The arachidonic acid metabolite PGE2 is an inflammatory mediator released by action of the enzyme cyclooxygenase from various cell membranes. PGE2 induces vasodilatation, increases vascular permeability, emphasize pain perception by bradykinin and histamine, changes connective tissue metabolism and enhances osteoclastic bone resorption. PGE2 was found in tissue samples from patients with gingivitis and is believed to be involved in the pathogenesis of periodontal disease. (Goodson et al., 1974) (Noguchi and Ishakawa, 2007)
Salivary IL1-β and PGE2 levels have been reported to be increased with periodontal disease severity and decreased with therapy. High sensitivity and specificity for periodontal disease have also been reported; which suggests that they could be useful surrogate indicators for the presence and severity of periodontal disease. (Sánchez et al., 2013)
Summary and Conclusion
The aim of this study was to assess the period of smoking abstinence needed before any periodontal surgery in order to reverse the negative effects of the reported increased levels of inflammatory markers (IL-1β and PGE2 in this study) associated with smoking on the healing and the periodontium.

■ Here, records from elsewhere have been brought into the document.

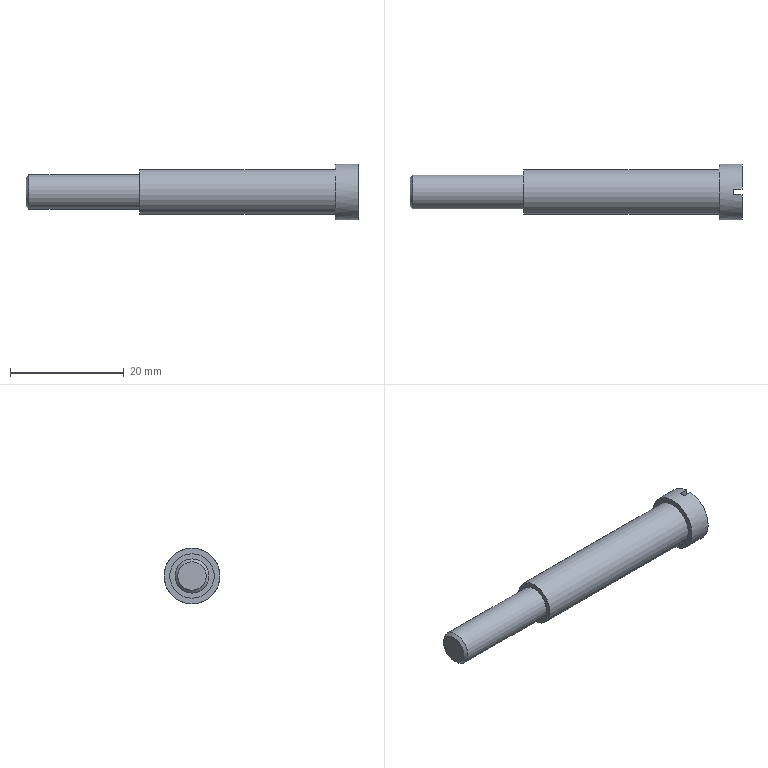Component | NX | HANDWHEEL_SHAFT_2 | 1 solid | 12 faces | box 58.4 x 9.8 x 9.8 mm | volume 2494 mm3 | plane 8 | cylinder 3 | cone 1 | commonest cylinder face diameters 9.8 x1 7.8 x1 6 x1
STEP:
#1=CARTESIAN_POINT('',(0.,0.,0.));
#2=DIRECTION('',(0.,0.,1.));
#3=DIRECTION('',(1.,0.,0.));
#4=AXIS2_PLACEMENT_3D('',#1,#2,#3);
#5=CARTESIAN_POINT('',(249.437,-20.232,106.126));
#6=VERTEX_POINT('',#5);
#7=CARTESIAN_POINT('',(249.437,-20.232,115.874));
#8=VERTEX_POINT('',#7);
#9=CARTESIAN_POINT('',(249.437,-19.732,111.));
#10=DIRECTION('',(-1.,0.,0.));
#11=DIRECTION('',(0.,0.,1.));
#12=AXIS2_PLACEMENT_3D('',#9,#10,#11);
#13=CIRCLE('',#12,4.9);
#14=CARTESIAN_POINT('',(249.437,-19.732,111.));
#15=DIRECTION('',(1.,0.,0.));
#16=DIRECTION('',(0.,0.,-1.));
#17=AXIS2_PLACEMENT_3D('',#14,#15,#16);
#18=PLANE('',#17);
#19=CARTESIAN_POINT('',(-4.9,0.));
#20=CARTESIAN_POINT('',(-4.9,8.487));
#21=CARTESIAN_POINT('',(2.45,4.244));
#22=CARTESIAN_POINT('',(9.8,0.));
#23=CARTESIAN_POINT('',(2.45,-4.244));
#24=CARTESIAN_POINT('',(-4.9,-8.487));
#25=CARTESIAN_POINT('',(-4.9,0.));
#26=(BOUNDED_CURVE()B_SPLINE_CURVE(2,(#19,#20,#21,#22,#23,#24,#25),.UNSPECIFIED.,.T.,.F.)B_SPLINE_CURVE_WITH_KNOTS((1,2,2,2,2,1),(-2.094,0.,2.094,4.189,6.283,8.378),.UNSPECIFIED.)CURVE()GEOMETRIC_REPRESENTATION_ITEM()RATIONAL_B_SPLINE_CURVE((1.,0.5,1.,0.5,1.,0.5,1.))REPRESENTATION_ITEM(''));
#27=(GEOMETRIC_REPRESENTATION_CONTEXT(2)PARAMETRIC_REPRESENTATION_CONTEXT()REPRESENTATION_CONTEXT('',''));
#28=DEFINITIONAL_REPRESENTATION('',(#26),#27);
#29=PCURVE('',#18,#28);
#30=CARTESIAN_POINT('',(249.437,-19.732,111.));
#31=DIRECTION('',(-1.,0.,0.));
#32=DIRECTION('',(0.,0.,1.));
#33=AXIS2_PLACEMENT_3D('',#30,#31,#32);
#34=CYLINDRICAL_SURFACE('',#33,4.9);
#35=CARTESIAN_POINT('',(0.,0.));
#36=DIRECTION('',(1.,0.));
#37=VECTOR('',#36,1.);
#38=LINE('',#35,#37);
#39=(GEOMETRIC_REPRESENTATION_CONTEXT(2)PARAMETRIC_REPRESENTATION_CONTEXT()REPRESENTATION_CONTEXT('',''));
#40=DEFINITIONAL_REPRESENTATION('',(#38),#39);
#41=PCURVE('',#34,#40);
#42=SURFACE_CURVE('',#13,(#29,#41),.PCURVE_S1.);
#43=EDGE_CURVE('',#6,#8,#42,.T.);
#44=ORIENTED_EDGE('',*,*,#43,.F.);
#45=CARTESIAN_POINT('',(249.437,-20.232,106.));
#46=DIRECTION('',(0.,0.,1.));
#47=VECTOR('',#46,1.);
#48=LINE('',#45,#47);
#49=CARTESIAN_POINT('',(5.,-0.5));
#50=DIRECTION('',(-1.,0.));
#51=VECTOR('',#50,1.);
#52=LINE('',#49,#51);
#53=(GEOMETRIC_REPRESENTATION_CONTEXT(2)PARAMETRIC_REPRESENTATION_CONTEXT()REPRESENTATION_CONTEXT('',''));
#54=DEFINITIONAL_REPRESENTATION('',(#52),#53);
#55=PCURVE('',#18,#54);
#56=CARTESIAN_POINT('',(249.437,-20.232,106.));
#57=DIRECTION('',(0.,-1.,0.));
#58=DIRECTION('',(1.,0.,0.));
#59=AXIS2_PLACEMENT_3D('',#56,#57,#58);
#60=PLANE('',#59);
#61=CARTESIAN_POINT('',(0.,0.));
#62=DIRECTION('',(0.,1.));
#63=VECTOR('',#62,1.);
#64=LINE('',#61,#63);
#65=(GEOMETRIC_REPRESENTATION_CONTEXT(2)PARAMETRIC_REPRESENTATION_CONTEXT()REPRESENTATION_CONTEXT('',''));
#66=DEFINITIONAL_REPRESENTATION('',(#64),#65);
#67=PCURVE('',#60,#66);
#68=SURFACE_CURVE('',#48,(#55,#67),.PCURVE_S1.);
#69=EDGE_CURVE('',#6,#8,#68,.T.);
#70=ORIENTED_EDGE('',*,*,#69,.T.);
#71=EDGE_LOOP('',(#44,#70));
#72=FACE_BOUND('',#71,.T.);
#73=ADVANCED_FACE('',(#72),#18,.T.);
#74=CARTESIAN_POINT('',(245.437,-19.732,114.9));
#75=VERTEX_POINT('',#74);
#76=CARTESIAN_POINT('',(245.437,-19.732,111.));
#77=DIRECTION('',(-1.,0.,0.));
#78=DIRECTION('',(0.,0.,1.));
#79=AXIS2_PLACEMENT_3D('',#76,#77,#78);
#80=CIRCLE('',#79,3.9);
#81=CARTESIAN_POINT('',(245.437,-19.732,111.));
#82=DIRECTION('',(-1.,0.,0.));
#83=DIRECTION('',(0.,0.,1.));
#84=AXIS2_PLACEMENT_3D('',#81,#82,#83);
#85=PLANE('',#84);
#86=CARTESIAN_POINT('',(0.,0.));
#87=DIRECTION('',(1.,0.));
#88=AXIS2_PLACEMENT_2D('',#86,#87);
#89=CIRCLE('',#88,3.9);
#90=(GEOMETRIC_REPRESENTATION_CONTEXT(2)PARAMETRIC_REPRESENTATION_CONTEXT()REPRESENTATION_CONTEXT('',''));
#91=DEFINITIONAL_REPRESENTATION('',(#89),#90);
#92=PCURVE('',#85,#91);
#93=CARTESIAN_POINT('',(245.437,-19.732,111.));
#94=DIRECTION('',(-1.,0.,0.));
#95=DIRECTION('',(0.,0.,1.));
#96=AXIS2_PLACEMENT_3D('',#93,#94,#95);
#97=CYLINDRICAL_SURFACE('',#96,3.9);
#98=CARTESIAN_POINT('',(0.,0.));
#99=DIRECTION('',(1.,0.));
#100=VECTOR('',#99,1.);
#101=LINE('',#98,#100);
#102=(GEOMETRIC_REPRESENTATION_CONTEXT(2)PARAMETRIC_REPRESENTATION_CONTEXT()REPRESENTATION_CONTEXT('',''));
#103=DEFINITIONAL_REPRESENTATION('',(#101),#102);
#104=PCURVE('',#97,#103);
#105=SURFACE_CURVE('',#80,(#92,#104),.PCURVE_S1.);
#106=EDGE_CURVE('',#75,#75,#105,.T.);
#107=ORIENTED_EDGE('',*,*,#106,.F.);
#108=EDGE_LOOP('',(#107));
#109=FACE_BOUND('',#108,.T.);
#110=CARTESIAN_POINT('',(245.437,-19.732,115.9));
#111=VERTEX_POINT('',#110);
#112=CARTESIAN_POINT('',(245.437,-19.732,111.));
#113=DIRECTION('',(1.,0.,0.));
#114=DIRECTION('',(0.,0.,1.));
#115=AXIS2_PLACEMENT_3D('',#112,#113,#114);
#116=CIRCLE('',#115,4.9);
#117=CARTESIAN_POINT('',(4.9,0.));
#118=CARTESIAN_POINT('',(4.9,-8.487));
#119=CARTESIAN_POINT('',(-2.45,-4.244));
#120=CARTESIAN_POINT('',(-9.8,-0.));
#121=CARTESIAN_POINT('',(-2.45,4.244));
#122=CARTESIAN_POINT('',(4.9,8.487));
#123=CARTESIAN_POINT('',(4.9,0.));
#124=(BOUNDED_CURVE()B_SPLINE_CURVE(2,(#117,#118,#119,#120,#121,#122,#123),.UNSPECIFIED.,.T.,.F.)B_SPLINE_CURVE_WITH_KNOTS((1,2,2,2,2,1),(-2.094,0.,2.094,4.189,6.283,8.378),.UNSPECIFIED.)CURVE()GEOMETRIC_REPRESENTATION_ITEM()RATIONAL_B_SPLINE_CURVE((1.,0.5,1.,0.5,1.,0.5,1.))REPRESENTATION_ITEM(''));
#125=(GEOMETRIC_REPRESENTATION_CONTEXT(2)PARAMETRIC_REPRESENTATION_CONTEXT()REPRESENTATION_CONTEXT('',''));
#126=DEFINITIONAL_REPRESENTATION('',(#124),#125);
#127=PCURVE('',#85,#126);
#128=CARTESIAN_POINT('',(6.283,4.));
#129=DIRECTION('',(-1.,0.));
#130=VECTOR('',#129,1.);
#131=LINE('',#128,#130);
#132=(GEOMETRIC_REPRESENTATION_CONTEXT(2)PARAMETRIC_REPRESENTATION_CONTEXT()REPRESENTATION_CONTEXT('',''));
#133=DEFINITIONAL_REPRESENTATION('',(#131),#132);
#134=PCURVE('',#34,#133);
#135=SURFACE_CURVE('',#116,(#127,#134),.PCURVE_S1.);
#136=EDGE_CURVE('',#111,#111,#135,.T.);
#137=ORIENTED_EDGE('',*,*,#136,.F.);
#138=EDGE_LOOP('',(#137));
#139=FACE_BOUND('',#138,.T.);
#140=ADVANCED_FACE('',(#109,#139),#85,.T.);
#141=CARTESIAN_POINT('',(249.437,-19.232,106.126));
#142=VERTEX_POINT('',#141);
#143=CARTESIAN_POINT('',(249.437,-19.232,115.874));
#144=VERTEX_POINT('',#143);
#145=CARTESIAN_POINT('',(249.437,-19.232,106.));
#146=DIRECTION('',(0.,0.,1.));
#147=VECTOR('',#146,1.);
#148=LINE('',#145,#147);
#149=CARTESIAN_POINT('',(249.437,-19.732,111.));
#150=DIRECTION('',(1.,0.,0.));
#151=DIRECTION('',(0.,0.,-1.));
#152=AXIS2_PLACEMENT_3D('',#149,#150,#151);
#153=PLANE('',#152);
#154=CARTESIAN_POINT('',(5.,0.5));
#155=DIRECTION('',(-1.,0.));
#156=VECTOR('',#155,1.);
#157=LINE('',#154,#156);
#158=(GEOMETRIC_REPRESENTATION_CONTEXT(2)PARAMETRIC_REPRESENTATION_CONTEXT()REPRESENTATION_CONTEXT('',''));
#159=DEFINITIONAL_REPRESENTATION('',(#157),#158);
#160=PCURVE('',#153,#159);
#161=CARTESIAN_POINT('',(249.437,-19.232,106.));
#162=DIRECTION('',(0.,-1.,0.));
#163=DIRECTION('',(1.,0.,0.));
#164=AXIS2_PLACEMENT_3D('',#161,#162,#163);
#165=PLANE('',#164);
#166=CARTESIAN_POINT('',(0.,0.));
#167=DIRECTION('',(0.,1.));
#168=VECTOR('',#167,1.);
#169=LINE('',#166,#168);
#170=(GEOMETRIC_REPRESENTATION_CONTEXT(2)PARAMETRIC_REPRESENTATION_CONTEXT()REPRESENTATION_CONTEXT('',''));
#171=DEFINITIONAL_REPRESENTATION('',(#169),#170);
#172=PCURVE('',#165,#171);
#173=SURFACE_CURVE('',#148,(#160,#172),.PCURVE_S1.);
#174=EDGE_CURVE('',#142,#144,#173,.T.);
#175=ORIENTED_EDGE('',*,*,#174,.F.);
#176=CARTESIAN_POINT('',(249.437,-19.732,111.));
#177=DIRECTION('',(-1.,0.,0.));
#178=DIRECTION('',(0.,0.,1.));
#179=AXIS2_PLACEMENT_3D('',#176,#177,#178);
#180=CIRCLE('',#179,4.9);
#181=CARTESIAN_POINT('',(-4.9,0.));
#182=CARTESIAN_POINT('',(-4.9,8.487));
#183=CARTESIAN_POINT('',(2.45,4.244));
#184=CARTESIAN_POINT('',(9.8,0.));
#185=CARTESIAN_POINT('',(2.45,-4.244));
#186=CARTESIAN_POINT('',(-4.9,-8.487));
#187=CARTESIAN_POINT('',(-4.9,0.));
#188=(BOUNDED_CURVE()B_SPLINE_CURVE(2,(#181,#182,#183,#184,#185,#186,#187),.UNSPECIFIED.,.T.,.F.)B_SPLINE_CURVE_WITH_KNOTS((1,2,2,2,2,1),(-2.094,0.,2.094,4.189,6.283,8.378),.UNSPECIFIED.)CURVE()GEOMETRIC_REPRESENTATION_ITEM()RATIONAL_B_SPLINE_CURVE((1.,0.5,1.,0.5,1.,0.5,1.))REPRESENTATION_ITEM(''));
#189=(GEOMETRIC_REPRESENTATION_CONTEXT(2)PARAMETRIC_REPRESENTATION_CONTEXT()REPRESENTATION_CONTEXT('',''));
#190=DEFINITIONAL_REPRESENTATION('',(#188),#189);
#191=PCURVE('',#153,#190);
#192=CARTESIAN_POINT('',(0.,0.));
#193=DIRECTION('',(1.,0.));
#194=VECTOR('',#193,1.);
#195=LINE('',#192,#194);
#196=(GEOMETRIC_REPRESENTATION_CONTEXT(2)PARAMETRIC_REPRESENTATION_CONTEXT()REPRESENTATION_CONTEXT('',''));
#197=DEFINITIONAL_REPRESENTATION('',(#195),#196);
#198=PCURVE('',#34,#197);
#199=SURFACE_CURVE('',#180,(#191,#198),.PCURVE_S1.);
#200=EDGE_CURVE('',#144,#142,#199,.T.);
#201=ORIENTED_EDGE('',*,*,#200,.F.);
#202=EDGE_LOOP('',(#175,#201));
#203=FACE_BOUND('',#202,.T.);
#204=ADVANCED_FACE('',(#203),#153,.T.);
#205=CARTESIAN_POINT('',(247.937,-20.232,115.874));
#206=VERTEX_POINT('',#205);
#207=CARTESIAN_POINT('',(249.437,-20.232,115.874));
#208=DIRECTION('',(1.,0.,0.));
#209=VECTOR('',#208,1.);
#210=LINE('',#207,#209);
#211=CARTESIAN_POINT('',(6.181,0.));
#212=DIRECTION('',(0.,-1.));
#213=VECTOR('',#212,1.);
#214=LINE('',#211,#213);
#215=(GEOMETRIC_REPRESENTATION_CONTEXT(2)PARAMETRIC_REPRESENTATION_CONTEXT()REPRESENTATION_CONTEXT('',''));
#216=DEFINITIONAL_REPRESENTATION('',(#214),#215);
#217=PCURVE('',#34,#216);
#218=CARTESIAN_POINT('',(0.,9.874));
#219=DIRECTION('',(1.,0.));
#220=VECTOR('',#219,1.);
#221=LINE('',#218,#220);
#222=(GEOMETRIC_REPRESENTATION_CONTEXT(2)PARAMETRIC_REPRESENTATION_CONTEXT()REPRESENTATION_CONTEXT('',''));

This study was performed on three groups, each contained ten patients. The first group contained ten smokers that succeeded to quit smokers. The second group contained ten smokers that continued to smoke. The third contained ten non smokers. All patients in all groups fulfilled the clinical criteria of established chronic periodontitis. Any patient having any systemic illness that might affect the result was excluded from the study. Patients using other forms of tobacco were also excluded. Salivary samples were taken from all patients in all groups after initial periodontal therapy. Then samples were taken after one and two months from quitting smoking in the smoking quitters group. While, in the smokers that continue to smoke and non smokers ; samples were taken after one and two months from the baseline salivary sample. Salivary interleukin 1 beta and prostaglandin E2 were measured in the samples as inflammatory markers.
After analysis of salivary samples using ELISA; it was proven that levels of IL 1β and PGE2 decrease significantly in the smoking quitters and non smokers after one month then decrease again after two months significantly. Smoking quitters and non smokes reach levels close to each other after two months. However, smokers that continue to smoke have non significant decrease all through the study.
As a conclusion, the best period to quit smoking before any periodontal surgery is two months in order to have better prognosis.